Equal straight lines in a circle are equally distant from the center, and those which are equally distant from the center equal one another.

Let *AB* and *CD* be equal straight lines in a circle *ABDC.*

I say that *AB* and *CD* are equally distant from the center.

Take the center *E* of the circle *ABDC.* Draw *EF* and *EG* from *E* perpendicular to *AB* and *CD,* and join *AE* and *EC.*

Then, since a straight line *EF* passing through the center cuts a straight line *AB* not passing through the center at right angles, it also bisects it. Therefore *AF* equals *FB.* Therefore *AB* is double *AF.*

For the same reason *CD* is also double *CG.* But *AB* equals *CD,* therefore *AF* also equals *CG.*

Also, since *AE* equals *EC,* the square on *AE* also equals the square on *EC.* But the sum of the squares on *AF* and *EF* equals the square on *AE,* for the angle at *F* is right, and the sum of the squares on *EG* and *GC* equals the square on *EC,* for the angle at *G* is right. Therefore the sum of the squares on *AF* and *FE* equals the sum of the squares on *CG* and *GE,* of which the square on *AF* equals the square on *CG,* for *AF* equals *CG.* Therefore the remaining square on *FE* equals the square on *EG.* Therefore *EF* equals *EG.*

But straight lines in a circle are said to be equally distant from the center when the perpendiculars drawn to them from the center are equal.
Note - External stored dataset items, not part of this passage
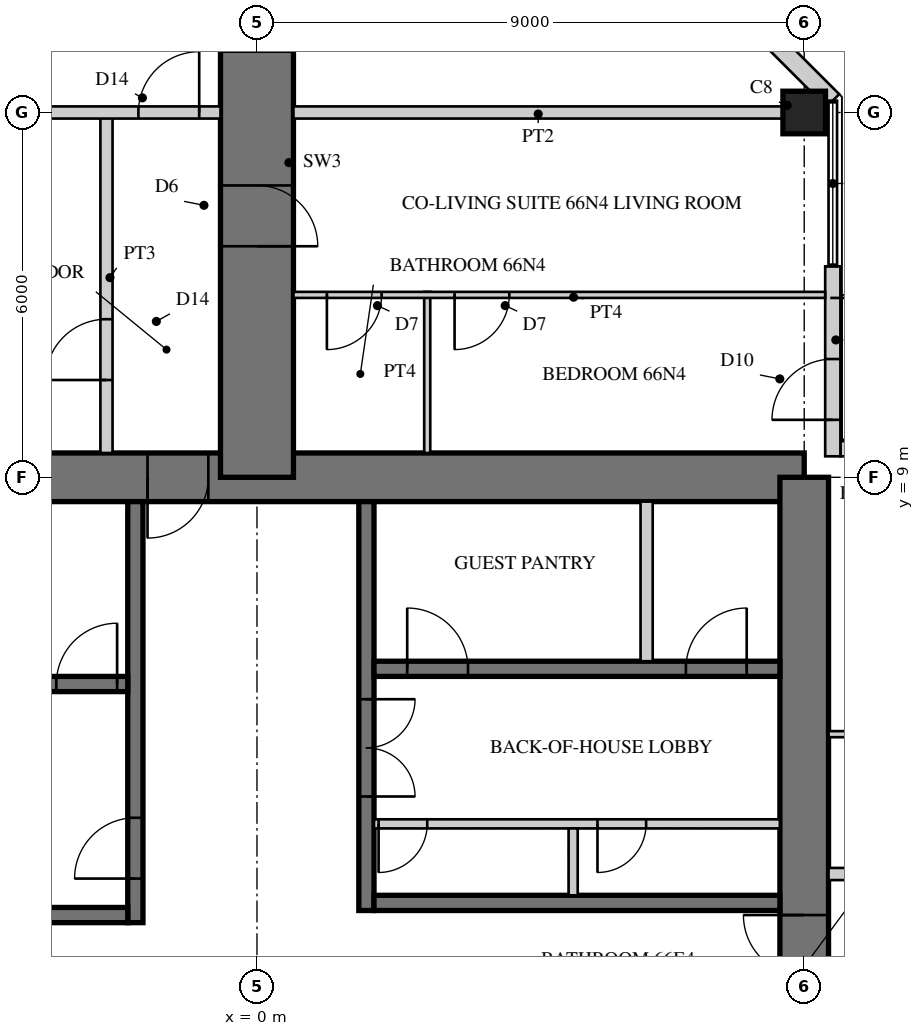
"""IFC4 building model, lengths in metres.
Left out: names, types, materials, properties, quantities, classifications, styles, units other than length and angle.
Written with IfcOpenShell. Run it as: python <this file> out.ifc"""

import sys

from ifc_helpers import new_model, si_unit, direction, frame, frame_2d, origin, origin_2d, place, context, subcontext, project, spatial, rectangle, hollow_rectangle, extrude, element, fill, save


model = new_model("IFC4")
c1 = context("Model", 3, precision=1e-05, world=origin(), true_north=direction((0.0, 1.0)))
c2 = subcontext(c1, "Body", "Model", "MODEL_VIEW")
j1 = project(units=[si_unit("LENGTHUNIT", "METRE"), si_unit("PLANEANGLEUNIT", "RADIAN")], contexts=[c1])
p1 = place(None, origin())
s1 = spatial("IfcSite", under=j1, at=p1, CompositionType="ELEMENT")
p2 = place(p1, origin())
s2 = spatial("IfcBuilding", under=s1, at=p2, CompositionType="ELEMENT")
p3 = place(p2, frame((0.0, 0.0, 257.7)))
s3 = spatial("IfcBuildingStorey", under=s2, at=p3, CompositionType="ELEMENT", Elevation=257.7)
p4 = place(p3, frame((9.0, 9.0, 0.0), z_axis=(0.0, 0.0, 1.0), x_axis=(-1.0, 0.0, 0.0)))
e1 = element("IfcWall", 1, at=p4, inside=s3, PredefinedType="SHEAR", context=c2, shape_type="SweptSolid", body=[
    extrude(rectangle(XDim=18.0, YDim=0.8, at=frame_2d((9.0, 0.0))), origin(), (0.0, 0.0, 1.0), 3.4),
])
p5 = place(p4, frame((9.8, 0.0, 0.0)))
e2 = element("IfcOpeningElement", 2, at=p5, cuts=e1, PredefinedType="OPENING", context=c2, shape_type="SweptSolid", body=[
    extrude(rectangle(XDim=1.0, YDim=2.4, at=frame_2d((0.5, 1.2))), frame((0.0, 0.41, 0.0), z_axis=(0.0, -1.0, 0.0), x_axis=(1.0, 0.0, 0.0)), (0.0, 0.0, 1.0), 0.82),
])
p6 = place(p3, frame((9.0, -9.0, 0.0), z_axis=(0.0, 0.0, 1.0), x_axis=(0.0, 1.0, 0.0)))
e3 = element("IfcWall", 3, at=p6, inside=s3, PredefinedType="SHEAR", context=c2, shape_type="SweptSolid", body=[
    extrude(rectangle(XDim=18.0, YDim=0.8, at=frame_2d((9.0, 0.0))), origin(), (0.0, 0.0, 1.0), 3.4),
])
p7 = place(p6, frame((9.8, 0.0, 0.0)))
e4 = element("IfcOpeningElement", 4, at=p7, cuts=e3, PredefinedType="OPENING", context=c2, shape_type="SweptSolid", body=[
    extrude(rectangle(XDim=1.0, YDim=2.4, at=frame_2d((0.5, 1.2))), frame((0.0, 0.41, 0.0), z_axis=(0.0, -1.0, 0.0), x_axis=(1.0, 0.0, 0.0)), (0.0, 0.0, 1.0), 0.82),
])
p8 = place(p3, frame((1.8, 1.875, 0.0), z_axis=(0.0, 0.0, 1.0), x_axis=(0.0, 1.0, 0.0)))
e5 = element("IfcWall", 5, at=p8, inside=s3, PredefinedType="SHEAR", context=c2, shape_type="SweptSolid", body=[
    extrude(rectangle(XDim=6.725, YDim=0.25, at=frame_2d((3.363, 0.0))), origin(), (0.0, 0.0, 1.0), 3.4),
])
p9 = place(p8, frame((1.875, 0.0, 0.0)))
e6 = element("IfcOpeningElement", 6, at=p9, cuts=e5, PredefinedType="OPENING", context=c2, shape_type="SweptSolid", body=[
    extrude(rectangle(XDim=1.6, YDim=2.4, at=frame_2d((0.8, 1.2))), frame((0.0, 0.135, 0.0), z_axis=(0.0, -1.0, 0.0), x_axis=(1.0, 0.0, 0.0)), (0.0, 0.0, 1.0), 0.27),
])
p10 = place(p3, frame((1.925, 2.0, 0.0), z_axis=(0.0, 0.0, 1.0), x_axis=(1.0, 0.0, 0.0)))
e7 = element("IfcWall", 7, at=p10, inside=s3, PredefinedType="SHEAR", context=c2, shape_type="SweptSolid", body=[
    extrude(rectangle(XDim=6.675, YDim=0.25, at=frame_2d((3.337, 0.0))), origin(), (0.0, 0.0, 1.0), 3.4),
])
p11 = place(p3, frame((1.925, 5.85, 0.0), z_axis=(0.0, 0.0, 1.0), x_axis=(1.0, 0.0, 0.0)))
e8 = element("IfcWall", 8, at=p11, inside=s3, PredefinedType="SHEAR", context=c2, shape_type="SweptSolid", body=[
    extrude(rectangle(XDim=6.675, YDim=0.25, at=frame_2d((3.337, 0.0))), origin(), (0.0, 0.0, 1.0), 3.4),
])
p12 = place(p11, frame((0.546, 0.0, 0.0)))
e9 = element("IfcOpeningElement", 9, at=p12, cuts=e8, PredefinedType="OPENING", context=c2, shape_type="SweptSolid", body=[
    extrude(rectangle(XDim=1.0, YDim=2.1, at=frame_2d((0.5, 1.05))), frame((0.0, 0.135, 0.0), z_axis=(0.0, -1.0, 0.0), x_axis=(1.0, 0.0, 0.0)), (0.0, 0.0, 1.0), 0.27),
])
p13 = place(p11, frame((5.129, 0.0, 0.0)))
e10 = element("IfcOpeningElement", 10, at=p13, cuts=e8, PredefinedType="OPENING", context=c2, shape_type="SweptSolid", body=[
    extrude(rectangle(XDim=1.0, YDim=2.1, at=frame_2d((0.5, 1.05))), frame((0.0, 0.135, 0.0), z_axis=(0.0, -1.0, 0.0), x_axis=(1.0, 0.0, 0.0)), (0.0, 0.0, 1.0), 0.27),
])
p14 = place(p3, frame((1.925, 3.3, 0.0), z_axis=(0.0, 0.0, 1.0), x_axis=(1.0, 0.0, 0.0)))
e11 = element("IfcWall", 11, at=p14, inside=s3, PredefinedType="PARTITIONING", context=c2, shape_type="SweptSolid", body=[
    extrude(rectangle(XDim=6.675, YDim=0.15, at=frame_2d((3.337, 0.0))), origin(), (0.0, 0.0, 1.0), 3.4),
])
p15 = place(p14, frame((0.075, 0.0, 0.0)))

Therefore *AB* and *CD* are equally distant from the center.

Next, let the straight lines *AB* and *CD* be equally distant from the center, that is, let *EF* equal *EG.*

I say that *AB* also equals *CD.*

For, with the same construction, we can prove, as before, that *AB* is double *AF,* and *CD* double *CG.* And, since *AE* equals *CE,* the square on *AE* equals the square on *CE.* But the sum of the squares on *EF* and *FA* equals the square on *AE,* and the sum of the squares on *EG* and *GC* equals the square on *CE.*

Therefore the sum of the squares on *EF* and *FA* equals the sum of the squares on *EG* and *GC,* of which the square on *EF* equals the square on *EG,* for *EF* equals *EG.* Therefore the remaining square on *AF* equals the square on *CG.* Therefore *AF* equals *CG.* And *AB* is double *AF,* and *CD* double *CG,* therefore *AB* equals *CD.*

Therefore *equal straight lines in a circle are equally distant from the center, and those which are equally distant from the center equal one another.*

Q.E.D.

This proposition is used in the next one.